ASDMSDVAVSNHYQTSN&@$Fk#$!!!!!!!!
~
Mungkin
benar yang dikatakan sebagian orang: Cute
boys make you blush, hot boys make you droll, cool boys make you daydream, but
funny boys make you fall in love without even realizing it. Dan dia
termasuk dalam kategori terakhir. Kenapa? Karena dia memiliki tawa yang renyah
dan begitu menular. Dia juga piawai dalam memainkan intonasi setiap kali
mengungkapkan sesuatu.
Akan
tetapi, ada beberapa hal pada dirinya yang kerap mengingatkan saya pada
seseorang di masa lalu; salah satu teman terbaik saya, yang kini telah
beristirahat dengan tenang. Baik dia maupun sahabat saya sangat menggemari
jajanan gerobak seperti basreng, cilok, cilor, apa pun itu namanya. Dia bahkan
mengklaim, tak peduli semahal dan senikmat apa pun hidangan di restoran fine and dine, tak akan ada yang bisa menandingi aroma cilor yang digoreng
di atas minyak daur ulang.
Kemiripan
selanjutnya, dua orang ini senang berangan sesuatu yang menakjubkan. Kiki
memercayai saya sebagai wadah mimpi-mimpi besarnya. Dahulu dia selalu datang
kepada saya untuk meminta solusi, atau sekadar bercerita mengenai kariernya.

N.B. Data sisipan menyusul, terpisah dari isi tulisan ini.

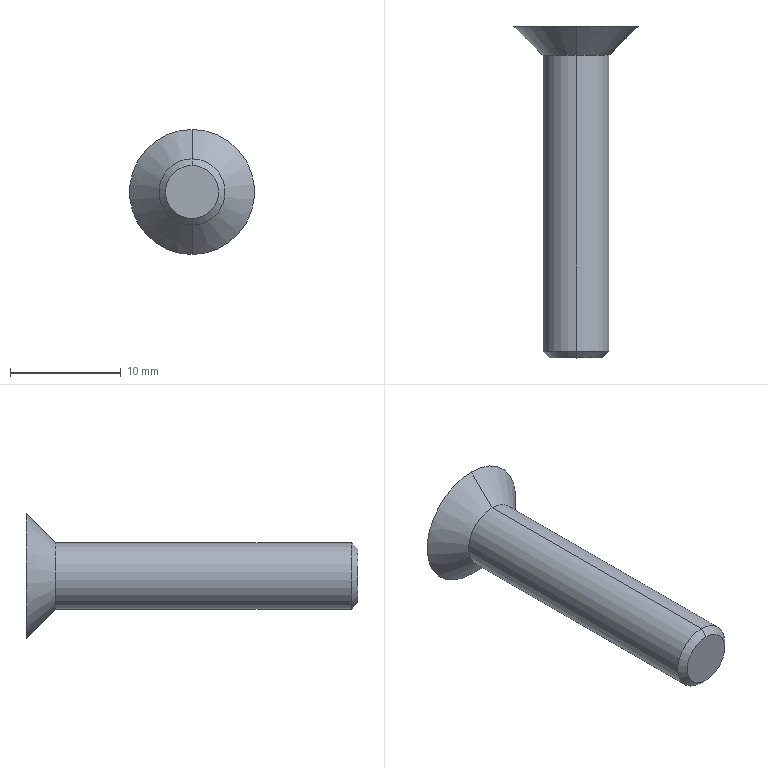Component | SolidWorks | SocketCountersunkHeadScrewM6x30-2 | 1 solid | 21 faces | box 11.3 x 30 x 11.3 mm | volume 911 mm3 | plane 15 | cone 4 | cylinder 2 | commonest cylinder face diameters 6 x2
build123d program:
from build123d import *
from OCP.BRepFilletAPI import BRepFilletAPI_MakeChamfer

# Parameters (mm, degrees)
SKETCH4_R           = 3
BOSS_EXTRUDE2_DEPTH = 30
CUT_EXTRUDE1_DEPTH  = 2.2
CHAMFER3_SIZE       = 1.153
CHAMFER3_SIZE2      = 1.997
CHAMFER4_SIZE       = 0.6


with BuildPart() as part:
    # Sketch2 → Revolve1 (revolve)
    with BuildSketch(Plane.XY, mode=Mode.PRIVATE) as revolve1_sk:
        Polygon((0, -3.72), (0, 0), (5.65, 0), (1.93, -3.72), align=None)
    revolve(revolve1_sk.sketch.rotate(Axis((0, -3.72, 0), (0, 1, 0)), 90), axis=Axis((0, -3.72, 0), (0, 1, 0)))

    # Sketch4 → Boss-Extrude2 (add)
    with BuildSketch(Plane.XZ):
        with Locations(Location((0, 0, 0), (0, 0, 90))):
            Circle(SKETCH4_R)
    extrude(amount=BOSS_EXTRUDE2_DEPTH)

    # Sketch3 → Cut-Extrude1 (cut)
    with BuildSketch(Plane(origin=(0, 0, 0), x_dir=(1, 0, 0), z_dir=(0, 1, 0))):
        Polygon((2, 1.155), (0, 2.309), (-2, 1.155), (-2, -1.155), (0, -2.309), (2, -1.155), align=None)
    extrude(amount=-CUT_EXTRUDE1_DEPTH, mode=Mode.SUBTRACT)

    # Chamfer3: one chamfer whose edges measure the first distance from different faces: ONE call of the kernel's chamfer builder (chamfer() names one face for all edges)
    chamfer3_edges_1 = [part.edges().sort_by_distance(p)[0] for p in [
        (2, -2.2, 0),
    ]]
    chamfer3_side_1 = [part.faces().sort_by_distance(p)[0] for p in [
        (2, -1.1, 0),
    ]]
    chamfer3_edges_2 = [part.edges().sort_by_distance(p)[0] for p in [
        (1, -2.2, 1.732),
    ]]
    chamfer3_side_2 = [part.faces().sort_by_distance(p)[0] for p in [
        (1, -1.1, 1.732),
    ]]
    chamfer3_edges_3 = [part.edges().sort_by_distance(p)[0] for p in [
        (-1, -2.2, 1.732),
    ]]
    chamfer3_side_3 = [part.faces().sort_by_distance(p)[0] for p in [
        (-1, -1.1, 1.732),
    ]]
    chamfer3_edges_4 = [part.edges().sort_by_distance(p)[0] for p in [
        (-2, -2.2, 0),
    ]]
    chamfer3_side_4 = [part.faces().sort_by_distance(p)[0] for p in [
        (-2, -1.1, 0),
    ]]
    chamfer3_edges_5 = [part.edges().sort_by_distance(p)[0] for p in [
        (-1, -2.2, -1.732),
    ]]
    chamfer3_side_5 = [part.faces().sort_by_distance(p)[0] for p in [
        (-1, -1.1, -1.732),
    ]]
    chamfer3_edges_6 = [part.edges().sort_by_distance(p)[0] for p in [
        (1, -2.2, -1.732),
    ]]
    chamfer3_side_6 = [part.faces().sort_by_distance(p)[0] for p in [
        (1, -1.1, -1.732),
    ]]
    chamfer3 = BRepFilletAPI_MakeChamfer(part.part.solid().wrapped)
    for e in chamfer3_edges_1:
        chamfer3.Add(CHAMFER3_SIZE, CHAMFER3_SIZE2, e.wrapped, chamfer3_side_1[0].wrapped)  # the first distance lies on this face
    for e in chamfer3_edges_2:
        chamfer3.Add(CHAMFER3_SIZE, CHAMFER3_SIZE2, e.wrapped, chamfer3_side_2[0].wrapped)  # the first distance lies on this face
    for e in chamfer3_edges_3:
        chamfer3.Add(CHAMFER3_SIZE, CHAMFER3_SIZE2, e.wrapped, chamfer3_side_3[0].wrapped)  # the first distance lies on this face
    for e in chamfer3_edges_4:
        chamfer3.Add(CHAMFER3_SIZE, CHAMFER3_SIZE2, e.wrapped, chamfer3_side_4[0].wrapped)  # the first distance lies on this face
    for e in chamfer3_edges_5:
        chamfer3.Add(CHAMFER3_SIZE, CHAMFER3_SIZE2, e.wrapped, chamfer3_side_5[0].wrapped)  # the first distance lies on this face
    for e in chamfer3_edges_6:
        chamfer3.Add(CHAMFER3_SIZE, CHAMFER3_SIZE2, e.wrapped, chamfer3_side_6[0].wrapped)  # the first distance lies on this face
    add(Compound.cast(chamfer3.Shape()), mode=Mode.REPLACE)

    # Chamfer4
    chamfer4_edges = [part.edges().sort_by_distance(p)[0] for p in [
        (0, -30, -3),
    ]]
    chamfer(chamfer4_edges, length=CHAMFER4_SIZE)


solid = part.part

# Placed as in the assembly
solid = solid.moved(Location((-71.946, -18, 23), (0, 0, 0)))
STEP:
#1=COLOUR_RGB('',0.7922,0.8196,0.9333);
#2=FILL_AREA_STYLE_COLOUR('',#1);
#3=FILL_AREA_STYLE('',(#2));
#4=SURFACE_STYLE_FILL_AREA(#3);
#5=SURFACE_SIDE_STYLE('',(#4));
#6=SURFACE_STYLE_USAGE(.BOTH.,#5);
#7=PRESENTATION_STYLE_ASSIGNMENT((#6));
#8=CARTESIAN_POINT('',(-2.833,-1.89,0.811));
#9=VERTEX_POINT('',#8);
#10=CARTESIAN_POINT('',(-2.833,-1.89,1.));
#11=VERTEX_POINT('',#10);
#12=CARTESIAN_POINT('',(-2.833,-1.89,0.9055));
#13=DIRECTION('',(0.,-1.,0.));
#14=DIRECTION('',(0.,0.,-1.));
#15=AXIS2_PLACEMENT_3D('',#12,#13,#14);
#16=CIRCLE('',#15,0.09449);
#17=EDGE_CURVE('',#9,#11,#16,.T.);
#18=ORIENTED_EDGE('',*,*,#17,.F.);
#19=CARTESIAN_POINT('',(-2.833,-1.866,0.7874));
#20=VERTEX_POINT('',#19);
#21=CARTESIAN_POINT('',(-2.833,-1.89,0.811));
#22=DIRECTION('',(0.,0.7071,-0.7071));
#23=VECTOR('',#22,39.37);
#24=LINE('',#21,#23);
#25=EDGE_CURVE('',#9,#20,#24,.T.);
#26=ORIENTED_EDGE('',*,*,#25,.T.);
#27=CARTESIAN_POINT('',(-2.833,-1.866,1.024));
#28=VERTEX_POINT('',#27);
#29=CARTESIAN_POINT('',(-2.833,-1.866,0.9055));
#30=DIRECTION('',(0.,1.,0.));
#31=DIRECTION('',(0.,0.,-1.));
#32=AXIS2_PLACEMENT_3D('',#29,#30,#31);
#33=CIRCLE('',#32,0.1181);
#34=EDGE_CURVE('',#28,#20,#33,.T.);
#35=ORIENTED_EDGE('',*,*,#34,.F.);
#36=CARTESIAN_POINT('',(-2.833,-1.89,1.));
#37=DIRECTION('',(0.,0.7071,0.7071));
#38=VECTOR('',#37,39.37);
#39=LINE('',#36,#38);
#40=EDGE_CURVE('',#11,#28,#39,.T.);
#41=ORIENTED_EDGE('',*,*,#40,.F.);
#42=EDGE_LOOP('',(#18,#26,#35,#41));
#43=FACE_OUTER_BOUND('',#42,.T.);
#44=CARTESIAN_POINT('',(-2.833,-1.89,0.9055));
#45=DIRECTION('',(0.,1.,0.));
#46=DIRECTION('',(0.,0.,1.));
#47=AXIS2_PLACEMENT_3D('',#44,#45,#46);
#48=CONICAL_SURFACE('',#47,0.09449,0.7854);
#49=ADVANCED_FACE('',(#43),#48,.T.);
#50=ORIENTED_EDGE('',*,*,#34,.T.);
#51=CARTESIAN_POINT('',(-2.833,-0.813,0.7874));
#52=VERTEX_POINT('',#51);
#53=CARTESIAN_POINT('',(-2.833,-1.89,0.7874));
#54=DIRECTION('',(0.,1.,0.));
#55=VECTOR('',#54,39.37);
#56=LINE('',#53,#55);
#57=EDGE_CURVE('',#20,#52,#56,.T.);
#58=ORIENTED_EDGE('',*,*,#57,.T.);
#59=CARTESIAN_POINT('',(-2.833,-0.813,1.024));
#60=VERTEX_POINT('',#59);
#61=CARTESIAN_POINT('',(-2.833,-0.813,0.9055));
#62=DIRECTION('',(0.,1.,0.));
#63=DIRECTION('',(0.,0.,1.));
#64=AXIS2_PLACEMENT_3D('',#61,#62,#63);
#65=CIRCLE('',#64,0.1181);
#66=EDGE_CURVE('',#60,#52,#65,.T.);
#67=ORIENTED_EDGE('',*,*,#66,.F.);
#68=CARTESIAN_POINT('',(-2.833,-1.89,1.024));
#69=DIRECTION('',(0.,1.,0.));
#70=VECTOR('',#69,39.37);
#71=LINE('',#68,#70);
#72=EDGE_CURVE('',#28,#60,#71,.T.);
#73=ORIENTED_EDGE('',*,*,#72,.F.);
#74=EDGE_LOOP('',(#50,#58,#67,#73));
#75=FACE_OUTER_BOUND('',#74,.T.);
#76=CARTESIAN_POINT('',(-2.833,-1.89,0.9055));
#77=DIRECTION('',(0.,1.,0.));
#78=DIRECTION('',(0.,0.,1.));
#79=AXIS2_PLACEMENT_3D('',#76,#77,#78);
#80=CYLINDRICAL_SURFACE('',#79,0.1181);
#81=ADVANCED_FACE('',(#75),#80,.T.);
#82=ORIENTED_EDGE('',*,*,#66,.T.);
#83=CARTESIAN_POINT('',(-2.833,-0.7087,0.6831));
#84=VERTEX_POINT('',#83);
#85=CARTESIAN_POINT('',(-2.833,-0.8551,0.8295));
#86=DIRECTION('',(0.,0.7071,-0.7071));
#87=VECTOR('',#86,39.37);
#88=LINE('',#85,#87);
#89=EDGE_CURVE('',#52,#84,#88,.T.);
#90=ORIENTED_EDGE('',*,*,#89,.T.);
#91=CARTESIAN_POINT('',(-2.833,-0.7087,1.128));
#92=VERTEX_POINT('',#91);
#93=CARTESIAN_POINT('',(-2.833,-0.7087,0.9055));
#94=DIRECTION('',(0.,-1.,0.));
#95=DIRECTION('',(0.,0.,-1.));
#96=AXIS2_PLACEMENT_3D('',#93,#94,#95);
#97=CIRCLE('',#96,0.2224);
#98=EDGE_CURVE('',#84,#92,#97,.T.);
#99=ORIENTED_EDGE('',*,*,#98,.T.);
#100=CARTESIAN_POINT('',(-2.833,-0.8551,0.9815));
#101=DIRECTION('',(0.,0.7071,0.7071));
#102=VECTOR('',#101,39.37);
#103=LINE('',#100,#102);
#104=EDGE_CURVE('',#60,#92,#103,.T.);
#105=ORIENTED_EDGE('',*,*,#104,.F.);
#106=EDGE_LOOP('',(#82,#90,#99,#105));
#107=FACE_OUTER_BOUND('',#106,.T.);
#108=CARTESIAN_POINT('',(-2.833,-0.8551,0.9055));
#109=DIRECTION('',(0.,1.,0.));
#110=DIRECTION('',(0.,0.,1.));
#111=AXIS2_PLACEMENT_3D('',#108,#109,#110);
#112=CONICAL_SURFACE('',#111,0.07598,0.7854);
#113=ADVANCED_FACE('',(#107),#112,.T.);
#114=ORIENTED_EDGE('',*,*,#89,.F.);
#115=CARTESIAN_POINT('',(-2.833,-0.813,0.9055));
#116=DIRECTION('',(0.,1.,0.));
#117=DIRECTION('',(0.,0.,1.));
#118=AXIS2_PLACEMENT_3D('',#115,#116,#117);
#119=CIRCLE('',#118,0.1181);
#120=EDGE_CURVE('',#52,#60,#119,.T.);
#121=ORIENTED_EDGE('',*,*,#120,.T.);
#122=ORIENTED_EDGE('',*,*,#104,.T.);
#123=CARTESIAN_POINT('',(-2.833,-0.7087,0.9055));
#124=DIRECTION('',(0.,-1.,0.));
#125=DIRECTION('',(0.,0.,-1.));
#126=AXIS2_PLACEMENT_3D('',#123,#124,#125);
#127=CIRCLE('',#126,0.2224);
#128=EDGE_CURVE('',#92,#84,#127,.T.);
#129=ORIENTED_EDGE('',*,*,#128,.T.);
#130=EDGE_LOOP('',(#114,#121,#122,#129));
#131=FACE_OUTER_BOUND('',#130,.T.);
#132=CARTESIAN_POINT('',(-2.833,-0.8551,0.9055));
#133=DIRECTION('',(0.,1.,0.));
#134=DIRECTION('',(0.,0.,1.));
#135=AXIS2_PLACEMENT_3D('',#132,#133,#134);
#136=CONICAL_SURFACE('',#135,0.07598,0.7854);
#137=ADVANCED_FACE('',(#131),#136,.T.);
#138=CARTESIAN_POINT('',(-2.754,-0.7087,0.951));
#139=VERTEX_POINT('',#138);
#140=CARTESIAN_POINT('',(-2.754,-0.7087,0.8601));
#141=VERTEX_POINT('',#140);
#142=CARTESIAN_POINT('',(-2.754,-0.7087,0.951));
#143=DIRECTION('',(-0.,0.,-1.));
#144=VECTOR('',#143,39.37);
#145=LINE('',#142,#144);
#146=EDGE_CURVE('',#139,#141,#145,.T.);
#147=ORIENTED_EDGE('',*,*,#146,.F.);
#148=CARTESIAN_POINT('',(-2.833,-0.7087,0.9964));
#149=VERTEX_POINT('',#148);
#150=CARTESIAN_POINT('',(-2.833,-0.7087,0.9964));
#151=DIRECTION('',(0.866,0.,-0.5));
#152=VECTOR('',#151,39.37);
#153=LINE('',#150,#152);
#154=EDGE_CURVE('',#149,#139,#153,.T.);
#155=ORIENTED_EDGE('',*,*,#154,.F.);
#156=CARTESIAN_POINT('',(-2.911,-0.7087,0.951));
#157=VERTEX_POINT('',#156);
#158=CARTESIAN_POINT('',(-2.911,-0.7087,0.951));
#159=DIRECTION('',(0.866,0.,0.5));
#160=VECTOR('',#159,39.37);
#161=LINE('',#158,#160);
#162=EDGE_CURVE('',#157,#149,#161,.T.);
#163=ORIENTED_EDGE('',*,*,#162,.F.);
#164=CARTESIAN_POINT('',(-2.911,-0.7087,0.8601));
#165=VERTEX_POINT('',#164);
#166=CARTESIAN_POINT('',(-2.911,-0.7087,0.8601));
#167=DIRECTION('',(0.,0.,1.));
#168=VECTOR('',#167,39.37);
#169=LINE('',#166,#168);
#170=EDGE_CURVE('',#165,#157,#169,.T.);
#171=ORIENTED_EDGE('',*,*,#170,.F.);
#172=CARTESIAN_POINT('',(-2.833,-0.7087,0.8146));
#173=VERTEX_POINT('',#172);
#174=CARTESIAN_POINT('',(-2.833,-0.7087,0.8146));
#175=DIRECTION('',(-0.866,0.,0.5));
#176=VECTOR('',#175,39.37);
#177=LINE('',#174,#176);
#178=EDGE_CURVE('',#173,#165,#177,.T.);
#179=ORIENTED_EDGE('',*,*,#178,.F.);
#180=CARTESIAN_POINT('',(-2.754,-0.7087,0.8601));
#181=DIRECTION('',(-0.866,0.,-0.5));
#182=VECTOR('',#181,39.37);
#183=LINE('',#180,#182);
#184=EDGE_CURVE('',#141,#173,#183,.T.);
#185=ORIENTED_EDGE('',*,*,#184,.F.);
#186=EDGE_LOOP('',(#147,#155,#163,#171,#179,#185));
#187=FACE_BOUND('',#186,.T.);
#188=ORIENTED_EDGE('',*,*,#128,.F.);
#189=ORIENTED_EDGE('',*,*,#98,.F.);
#190=EDGE_LOOP('',(#188,#189));
#191=FACE_OUTER_BOUND('',#190,.T.);
#192=CARTESIAN_POINT('',(-2.833,-0.7087,0.9055));
#193=DIRECTION('',(0.,1.,0.));
#194=DIRECTION('',(0.,0.,1.));
#195=AXIS2_PLACEMENT_3D('',#192,#193,#194);
#196=PLANE('',#195);
#197=ADVANCED_FACE('',(#187,#191),#196,.T.);
#198=ORIENTED_EDGE('',*,*,#57,.F.);
#199=CARTESIAN_POINT('',(-2.833,-1.866,0.9055));
#200=DIRECTION('',(0.,1.,0.));
#201=DIRECTION('',(0.,0.,-1.));
#202=AXIS2_PLACEMENT_3D('',#199,#200,#201);
#203=CIRCLE('',#202,0.1181);
#204=EDGE_CURVE('',#20,#28,#203,.T.);
#205=ORIENTED_EDGE('',*,*,#204,.T.);
#206=ORIENTED_EDGE('',*,*,#72,.T.);
#207=ORIENTED_EDGE('',*,*,#120,.F.);
#208=EDGE_LOOP('',(#198,#205,#206,#207));
#209=FACE_OUTER_BOUND('',#208,.T.);
#210=CARTESIAN_POINT('',(-2.833,-1.89,0.9055));
#211=DIRECTION('',(0.,1.,0.));
#212=DIRECTION('',(0.,0.,1.));
#213=AXIS2_PLACEMENT_3D('',#210,#211,#212);
#214=CYLINDRICAL_SURFACE('',#213,0.1181);
#215=ADVANCED_FACE('',(#209),#214,.T.);
#216=CARTESIAN_POINT('',(-2.833,-1.89,0.9055));
#217=DIRECTION('',(0.,-1.,0.));
#218=DIRECTION('',(0.,0.,-1.));
#219=AXIS2_PLACEMENT_3D('',#216,#217,#218);
#220=CIRCLE('',#219,0.09449);
#221=EDGE_CURVE('',#11,#9,#220,.T.);
#222=ORIENTED_EDGE('',*,*,#221,.T.);
#223=ORIENTED_EDGE('',*,*,#17,.T.);
#224=EDGE_LOOP('',(#222,#223));
#225=FACE_OUTER_BOUND('',#224,.T.);
#226=CARTESIAN_POINT('',(-2.833,-1.89,0.9055));
#227=DIRECTION('',(0.,-1.,0.));
#228=DIRECTION('',(0.,0.,-1.));
#229=AXIS2_PLACEMENT_3D('',#226,#227,#228);
#230=PLANE('',#229);
#231=ADVANCED_FACE('',(#225),#230,.T.);
#232=CARTESIAN_POINT('',(-2.754,-0.7499,0.8601));
#233=VERTEX_POINT('',#232);
#234=CARTESIAN_POINT('',(-2.754,-0.7953,0.8601));
#235=DIRECTION('',(0.,1.,0.));
#236=VECTOR('',#235,39.37);
#237=LINE('',#234,#236);
#238=EDGE_CURVE('',#233,#141,#237,.T.);
#239=ORIENTED_EDGE('',*,*,#238,.F.);
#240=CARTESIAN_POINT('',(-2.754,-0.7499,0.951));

Sama halnya dengan pria ini. Tak akan cukup satu hari untuk menyimak rencana
besar yang akan dicapainya suatu hari kelak. Barangkali sejumlah persamaan itu
yang membuat saya merasa nyaman berada di dekatnya. Rasanya seperti
bernostalgia bersama sahabat lama.
Dari
balik gumpalan awan kelabu, matahari perlahan merangkak turun. Langit kian
menghitam. Kami melewati lagi rute yang sama seperti sebelumnya — pagar kawat,
hutan terlarang, barisan pohon pinus, hutan rahasia, rumah fiktif di siang
hari, gymnasium UPI, pintu pengukur obesitas, permukiman Sigay, Villa Isola —
sampai akhirnya kami tiba di depan Kedai Utama, tempat di mana motor hitamnya
terparkir.
“Kamu
kok kelihatan beda pas aku pake kacamata?” dia bertanya sambil membetulkan
letak kacamatanya.
“Bedanya
gimana?”
“Jadi
kelihatan cakep aja.” Dia mengencangkan tali helm dengan benar, lalu tersenyum
dengan cara yang sangat menyebalkan.
“Bukan
gitu kali,” saya hendak membalas komentarnya. “Pas nggak pake kacamata,
nyangkanya Yesus, pas udah pake kacamata langsung kelihatan kayak Beyonce.”
Tanpa
perlu saya tulis pun, kau pasti tahu seperti apa reaksinya. Betul sekali! Dia
berusaha agar tidak terbahak, terus mengubah posisi motor, walaupun saya tahu
usahanya sia-sia. Satu hal yang pasti, ujung pipinya tertarik ke sudut, membuat
kedua lesung pipi itu tampak semakin jelas.
Sesaat
lagi, malam akan merambat naik. Tak ada gunanya membuang waktu, karena kami
yakin — semakin malam lalu lintas Bandung akan semakin buruk. Ditambah lagi
satu fakta bahwa kami masih memiliki agenda yang lain setelah ini. Walaupun
begitu, dia sama sekali tak keberatan diajak mengitari kawasan Pasar Baru,
Kebon Kalapa, agar saya bisa menemukan kendaraan umum untuk pulang.
“Kamu
kalau mau pulang duluan, nggak apa-apa. Kamu bukannya ada acara di rumah teman
kamu pukul 7 nanti?”
“Nyantai
aja, dari sini ke Soreang mah nggak nyampe sejam.” Suaranya membaur dengan
ribut kendaraan. “Sampai ketemu Damri aja, ya.”
“Nanti
berhenti di halte aja, biar aku nunggu sendirian di sana. Aku nggak enak banget
merepotkan kamu gini.” Saya bersikukuh, “Kalau nggak ada Damri, toh bisa pake
gojek.”
Pada
akhirnya, dia mengabulkan permintaan saya. Tanpa bantahan maupun paksaan.
Saya
menyaksikan sosok berjaket merah itu menghilang ditelan jalanan dengan perasaan
campur aduk. Sebersit pilu, rindu, kehilangan — entahlah. Kendati demikian, saya
tak ingin mengabaikan rasa bahagia yang hadir setelah perjalanan kami. Setengah
hari yang terasa panjang. Setengah hari yang menakjubkan. Setengah hari yang
berhasil mengubah semuanya.
Sore
itu saya mempelajari satu hal: perpisahan mungkin kerap menyakitkan, namun tak
selamanya perpisahan merupakan suatu akhir. An
end is not always the end, it just means that something else is about to begin.